みなさんは、今いる職場は好きですか?嫌いですか?
あなたとその組織はどんな関係性ですか?

私は10年、同じ会社に勤めています。「10年の付き合い」ってまあまあ長くって、「つながりが強まる」だけではなくって、楽しかったことや嬉しかったこと、悲しかったことや苦しかったこと。認められたこともあれば、自分が大事にしていることを軽んじられたようなこともあって、悔しい想いや怒りを感じることもたくさんありました。

そんな感情がこんがらがって、「愛着」「愛情」と「憎しみ」みたいなものが同時に沸き起こる、そんな状態にいます。さらに、私の会社はこの10年で従業員が300人から2500人へと急成長。この会社が好きである以上に、私はこの仕事が好き。そんな気持ちも、会社への気持ちを複雑にしているのかもしれません。

私がこのテーマを選んだ理由

私は37歳で結婚、38歳で娘が生まれたばかりです。結婚するまでの私は、自分の興味を持ったことについてはエネルギーを惜しまず、夢中で勉強し夢中で仕事をし、ネットワークを広げ、たくさんの経験を積んできました。そのおかげで見える景色がどんどん変わっていった、そんな独身時代だったと思います。

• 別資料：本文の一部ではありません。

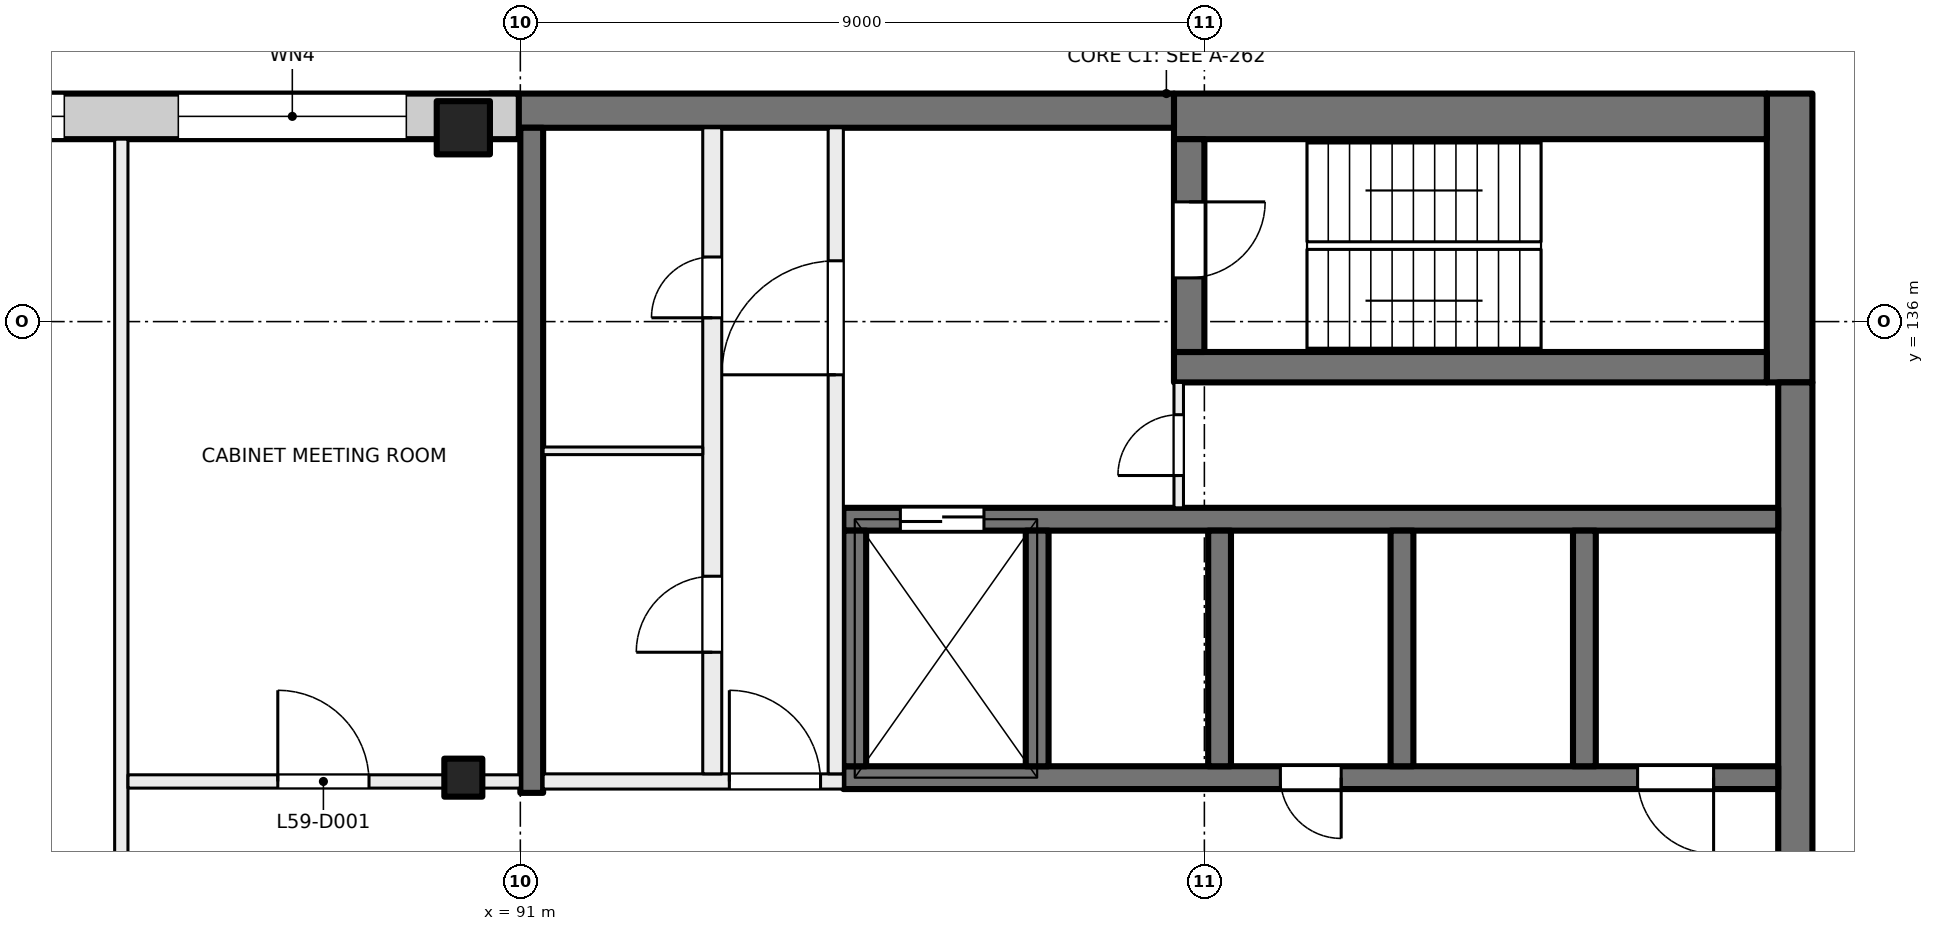
"""IFC4 building model, lengths in metres.
Left out: names, types, materials, properties, quantities, classifications, styles, units other than length and angle.
Written with IfcOpenShell. Run it as: python <this file> out.ifc"""

import sys

from ifc_helpers import new_model, si_unit, direction, frame, frame_2d, origin, origin_2d, place, context, subcontext, project, spatial, rectangle, extrude, element, fill, save


model = new_model("IFC4")
c1 = context("Model", 3, precision=1e-05, world=origin(), true_north=direction((0.0, 1.0)))
c2 = subcontext(c1, "Body", "Model", "MODEL_VIEW")
j1 = project(units=[si_unit("LENGTHUNIT", "METRE"), si_unit("PLANEANGLEUNIT", "RADIAN")], contexts=[c1])
p1 = place(None, origin())
s1 = spatial("IfcSite", under=j1, at=p1, CompositionType="ELEMENT")
p2 = place(p1, origin())
s2 = spatial("IfcBuilding", under=s1, at=p2, CompositionType="ELEMENT")
p3 = place(p2, frame((0.0, 0.0, 249.5)))
s3 = spatial("IfcBuildingStorey", under=s2, at=p3, CompositionType="ELEMENT", Elevation=249.5)
p4 = place(p3, frame((90.25, 130.0, 0.0), z_axis=(0.0, 0.0, 1.0), x_axis=(1.0, 0.0, 0.0)))
e1 = element("IfcColumn", 1, at=p4, inside=s3, PredefinedType="COLUMN", context=c2, shape_type="SweptSolid", body=[
    extrude(rectangle(XDim=0.5, YDim=0.5, at=origin_2d()), origin(), (0.0, 0.0, 1.0), 4.0),
])
p5 = place(p3, frame((90.25, 138.55, 0.0), z_axis=(0.0, 0.0, 1.0), x_axis=(1.0, 0.0, 0.0)))
e2 = element("IfcColumn", 2, at=p5, inside=s3, PredefinedType="COLUMN", context=c2, shape_type="SweptSolid", body=[
    extrude(rectangle(XDim=0.7, YDim=0.7, at=origin_2d()), origin(), (0.0, 0.0, 1.0), 4.0),
])
p6 = place(p3, frame((107.7, 139.0, 0.0), z_axis=(0.0, 0.0, 1.0), x_axis=(0.0, -1.0, 0.0)))
e3 = element("IfcWall", 3, at=p6, inside=s3, PredefinedType="SHEAR", context=c2, shape_type="SweptSolid", body=[
    extrude(rectangle(XDim=3.8, YDim=0.6, at=frame_2d((1.9, 0.0))), origin(), (0.0, 0.0, 1.0), 4.0),
])
p7 = place(p3, frame((107.775, 135.2, 0.0), z_axis=(0.0, 0.0, 1.0), x_axis=(0.0, -1.0, 0.0)))
e4 = element("IfcWall", 4, at=p7, inside=s3, PredefinedType="SHEAR", context=c2, shape_type="SweptSolid", body=[
    extrude(rectangle(XDim=14.4, YDim=0.45, at=frame_2d((7.2, 0.0))), origin(), (0.0, 0.0, 1.0), 4.0),
])
p8 = place(p3, frame((107.4, 138.7, 0.0), z_axis=(0.0, 0.0, 1.0), x_axis=(-1.0, 0.0, 0.0)))
e5 = element("IfcWall", 5, at=p8, inside=s3, PredefinedType="SHEAR", context=c2, shape_type="SweptSolid", body=[
    extrude(rectangle(XDim=7.8, YDim=0.6, at=frame_2d((3.9, 0.0))), origin(), (0.0, 0.0, 1.0), 4.0),
])
p9 = place(p3, frame((99.6, 138.775, 0.0), z_axis=(0.0, 0.0, 1.0), x_axis=(-1.0, 0.0, 0.0)))
e6 = element("IfcWall", 6, at=p9, inside=s3, PredefinedType="SHEAR", context=c2, shape_type="SweptSolid", body=[
    extrude(rectangle(XDim=9.0, YDim=0.45, at=frame_2d((4.5, 0.0))), origin(), (0.0, 0.0, 1.0), 4.0),
])
p10 = place(p3, frame((107.4, 135.4, 0.0), z_axis=(0.0, 0.0, 1.0), x_axis=(-1.0, 0.0, 0.0)))
e7 = element("IfcWall", 7, at=p10, inside=s3, PredefinedType="SHEAR", context=c2, shape_type="SweptSolid", body=[
    extrude(rectangle(XDim=7.8, YDim=0.4, at=frame_2d((3.9, 0.0))), origin(), (0.0, 0.0, 1.0), 4.0),
])
p11 = place(p3, frame((99.8, 138.4, 0.0), z_axis=(0.0, 0.0, 1.0), x_axis=(0.0, -1.0, 0.0)))
e8 = element("IfcWall", 8, at=p11, inside=s3, PredefinedType="SHEAR", context=c2, shape_type="SweptSolid", body=[
    extrude(rectangle(XDim=2.8, YDim=0.4, at=frame_2d((1.4, 0.0))), origin(), (0.0, 0.0, 1.0), 4.0),
])
p12 = place(p11, frame((0.825, 0.0, 0.0)))
e9 = element("IfcOpeningElement", 9, at=p12, cuts=e8, PredefinedType="OPENING", context=c2, shape_type="SweptSolid", body=[
    extrude(rectangle(XDim=1.0, YDim=2.1, at=frame_2d((0.5, 1.05))), frame((0.0, 0.21, 0.0), z_axis=(0.0, -1.0, 0.0), x_axis=(1.0, 0.0, 0.0)), (0.0, 0.0, 1.0), 0.42),
])
p13 = place(p3, frame((107.55, 130.0, 0.0), z_axis=(0.0, 0.0, 1.0), x_axis=(-1.0, 0.0, 0.0)))
e10 = element("IfcWall", 10, at=p13, inside=s3, PredefinedType="SHEAR", context=c2, shape_type="SweptSolid", body=[
    extrude(rectangle(XDim=12.3, YDim=0.3, at=frame_2d((6.15, 0.0))), origin(), (0.0, 0.0, 1.0), 4.0),
])
p14 = place(p13, frame((0.85, 0.0, 0.0)))
e11 = element("IfcOpeningElement", 11, at=p14, cuts=e10, PredefinedType="OPENING", context=c2, shape_type="SweptSolid", body=[
    extrude(rectangle(XDim=1.0, YDim=2.1, at=frame_2d((0.5, 1.05))), frame((0.0, 0.16, 0.0), z_axis=(0.0, -1.0, 0.0), x_axis=(1.0, 0.0, 0.0)), (0.0, 0.0, 1.0), 0.32),
])
p15 = place(p13, frame((5.75, 0.0, 0.0)))
e12 = element("IfcOpeningElement", 12, at=p15, cuts=e10, PredefinedType="OPENING", context=c2, shape_type="SweptSolid", body=[
    extrude(rectangle(XDim=0.8, YDim=2.1, at=frame_2d((0.4, 1.05))), frame((0.0, 0.16, 0.0), z_axis=(0.0, -1.0, 0.0), x_axis=(1.0, 0.0, 0.0)), (0.0, 0.0, 1.0), 0.32),
])
p16 = place(p3, frame((107.55, 133.4, 0.0), z_axis=(0.0, 0.0, 1.0), x_axis=(-1.0, 0.0, 0.0)))
e13 = element("IfcWall", 13, at=p16, inside=s3, PredefinedType="SHEAR", context=c2, shape_type="SweptSolid", body=[
    extrude(rectangle(XDim=12.3, YDim=0.3, at=frame_2d((6.15, 0.0))), origin(), (0.0, 0.0, 1.0), 4.0),
])
p17 = place(p16, frame((10.45, 0.0, 0.0)))
e14 = element("IfcOpeningElement", 14, at=p17, cuts=e13, PredefinedType="OPENING", context=c2, shape_type="SweptSolid", body=[
    extrude(rectangle(XDim=1.1, YDim=2.1, at=frame_2d((0.55, 1.05))), frame((0.0, 0.16, 0.0), z_axis=(0.0, -1.0, 0.0), x_axis=(1.0, 0.0, 0.0)), (0.0, 0.0, 1.0), 0.32),
])
for number, where, z_axis, x_axis in (
    (15, (105.0, 133.25, 0.0), (0.0, 0.0, 1.0), (0.0, -1.0, 0.0)),
    (16, (102.6, 133.25, 0.0), (0.0, 0.0, 1.0), (0.0, -1.0, 0.0)),
    (17, (100.2, 133.25, 0.0), (0.0, 0.0, 1.0), (0.0, -1.0, 0.0)),
    (18, (97.8, 133.25, 0.0), (0.0, 0.0, 1.0), (0.0, -1.0, 0.0)),
    (19, (95.4, 133.25, 0.0), (0.0, 0.0, 1.0), (0.0, -1.0, 0.0)),
):
    element("IfcWall", number, at=place(p3, frame(where, z_axis=z_axis, x_axis=x_axis)), inside=s3, PredefinedType="SHEAR", context=c2, shape_type="SweptSolid", body=[
        extrude(rectangle(XDim=3.1, YDim=0.3, at=frame_2d((1.55, 0.0))), origin(), (0.0, 0.0, 1.0), 4.0),
    ])
p18 = place(p3, frame((91.15, 138.55, 0.0), z_axis=(0.0, 0.0, 1.0), x_axis=(0.0, -1.0, 0.0)))
e20 = element("IfcWall", 20, at=p18, inside=s3, PredefinedType="SHEAR", context=c2, shape_type="SweptSolid", body=[
    extrude(rectangle(XDim=8.75, YDim=0.3, at=frame_2d((4.375, 0.0))), origin(), (0.0, 0.0, 1.0), 4.0),
])
p19 = place(p3, frame((47.07, 138.7, 0.0), z_axis=(0.0, 0.0, 1.0), x_axis=(1.0, 0.0, 0.0)))
e21 = element("IfcWall", 21, at=p19, inside=s3, PredefinedType="SOLIDWALL", context=c2, shape_type="SweptSolid", body=[
    extrude(rectangle(XDim=43.91, YDim=0.6, at=frame_2d((21.955, 0.0))), origin(), (0.0, 0.0, 1.0), 3.625),
])
p20 = place(p19, frame((3.43, 0.0, 0.9)))
e22 = element("IfcOpeningElement", 22, at=p20, cuts=e21, PredefinedType="OPENING", context=c2, shape_type="SweptSolid", body=[
    extrude(rectangle(XDim=3.0, YDim=2.4, at=frame_2d((1.5, 1.2))), frame((0.0, 0.31, 0.0), z_axis=(0.0, -1.0, 0.0), x_axis=(1.0, 0.0, 0.0)), (0.0, 0.0, 1.0), 0.62),
])
p21 = place(p19, frame((7.93, 0.0, 0.9)))
e23 = element("IfcOpeningElement", 23, at=p21, cuts=e21, PredefinedType="OPENING", context=c2, shape_type="SweptSolid", body=[
    extrude(rectangle(XDim=3.0, YDim=2.4, at=frame_2d((1.5, 1.2))), frame((0.0, 0.31, 0.0), z_axis=(0.0, -1.0, 0.0), x_axis=(1.0, 0.0, 0.0)), (0.0, 0.0, 1.0), 0.62),
])
p22 = place(p19, frame((12.43, 0.0, 0.9)))
e24 = element("IfcOpeningElement", 24, at=p22, cuts=e21, PredefinedType="OPENING", context=c2, shape_type="SweptSolid", body=[
    extrude(rectangle(XDim=3.0, YDim=2.4, at=frame_2d((1.5, 1.2))), frame((0.0, 0.31, 0.0), z_axis=(0.0, -1.0, 0.0), x_axis=(1.0, 0.0, 0.0)), (0.0, 0.0, 1.0), 0.62),
])
p23 = place(p19, frame((16.93, 0.0, 0.9)))
e25 = element("IfcOpeningElement", 25, at=p23, cuts=e21, PredefinedType="OPENING", context=c2, shape_type="SweptSolid", body=[
    extrude(rectangle(XDim=3.0, YDim=2.4, at=frame_2d((1.5, 1.2))), frame((0.0, 0.31, 0.0), z_axis=(0.0, -1.0, 0.0), x_axis=(1.0, 0.0, 0.0)), (0.0, 0.0, 1.0), 0.62),
])
p24 = place(p19, frame((21.43, 0.0, 0.9)))
e26 = element("IfcOpeningElement", 26, at=p24, cuts=e21, PredefinedType="OPENING", context=c2, shape_type="SweptSolid", body=[
    extrude(rectangle(XDim=3.0, YDim=2.4, at=frame_2d((1.5, 1.2))), frame((0.0, 0.31, 0.0), z_axis=(0.0, -1.0, 0.0), x_axis=(1.0, 0.0, 0.0)), (0.0, 0.0, 1.0), 0.62),
])
p25 = place(p19, frame((25.93, 0.0, 0.9)))
e27 = element("IfcOpeningElement", 27, at=p25, cuts=e21, PredefinedType="OPENING", context=c2, shape_type="SweptSolid", body=[
    extrude(rectangle(XDim=3.0, YDim=2.4, at=frame_2d((1.5, 1.2))), frame((0.0, 0.31, 0.0), z_axis=(0.0, -1.0, 0.0), x_axis=(1.0, 0.0, 0.0)), (0.0, 0.0, 1.0), 0.62),
])
p26 = place(p19, frame((30.43, 0.0, 0.9)))
e28 = element("IfcOpeningElement", 28, at=p26, cuts=e21, PredefinedType="OPENING", context=c2, shape_type="SweptSolid", body=[
    extrude(rectangle(XDim=3.0, YDim=2.4, at=frame_2d((1.5, 1.2))), frame((0.0, 0.31, 0.0), z_axis=(0.0, -1.0, 0.0), x_axis=(1.0, 0.0, 0.0)), (0.0, 0.0, 1.0), 0.62),
])
p27 = place(p19, frame((34.93, 0.0, 0.9)))
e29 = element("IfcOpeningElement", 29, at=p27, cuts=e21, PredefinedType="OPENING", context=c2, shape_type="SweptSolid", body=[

そんな自分の生き方を振り返ってみると、私にとっては生きることは「旅」。たくさん学び、たくさんの経験を積み、たくさんの人と出会うことでその都度価値観がアップデートされる。少ししんどいことや、ちょっとしたリスクがあってもいいんです。「まだ見てない景色を見てみたい」そんな気持ちが私にとっての生きる意味だと思います。

そして、「生きる意味」を共有できるパートナーと出会い、結婚しました。私たちはまだ見ていない景色を見るために、お互いの成長を喜びあい、少ししんどいことでもチャレンジしたければチャレンジをする。そのためにお互いは安全基地でい続けよう、しんどいことがあればお互いにケアしあい、お互いのチャレンジを支え続けよう、そんな想いをコトバにしてから結婚しました。

そして今年の4月に生まれてきた娘も、とびきりの「まだ見えない景色」を運んできてくれた。これまで、エネルギーを惜しまずにチャレンジしてきた私でしたが、娘という宝物と一緒に過ごすうちに、「仕事や勉強でエネルギーを消耗し過ぎず、でも自分の旅を続ける方法はないかな」そんなことを考えはじめました。

我が家では、娘も安全基地の一員です。私やパートナーだけでなく、娘にも、興味のあること、やりたいことがあったら私は「とことん」応援したいと思っています。パートナーにも、「家族のために稼ぐ」そんなことに囚われず、いつだって、「自分の興味、やりたいこと」があるのなら、思い
切ったチャレンジもしてほしいと思っています。そのためには、時間的にも、金銭的にも、精神的にも少し余白を持たせながら、イキイキワクワクと旅を続けたい。そのためには、これからの「自分のキャリア」について、より自立的に考えていく必要が出てきました。

大好きな仕事ではあるけれど、やはり組織に所属していると、勤務時間にとらわれる。昼に1時間の休憩を挟んで8時間、連続で働くためには、小刻みにやってくる体や心の疲れを無視して夜までためておく必要があります。自分の中での「やりたい仕事ランキング」1位の仕事は1割くらいで、2位から5位が5割、6位から8位が3割。残りの1割はやりたくない仕事。どうにかして、「やりたい仕事ランキング1位」の仕事だけで、マイペースに休憩しながら、自己実現を果たせるような働き方ができないだろうか・・・そんなことを考え始めました。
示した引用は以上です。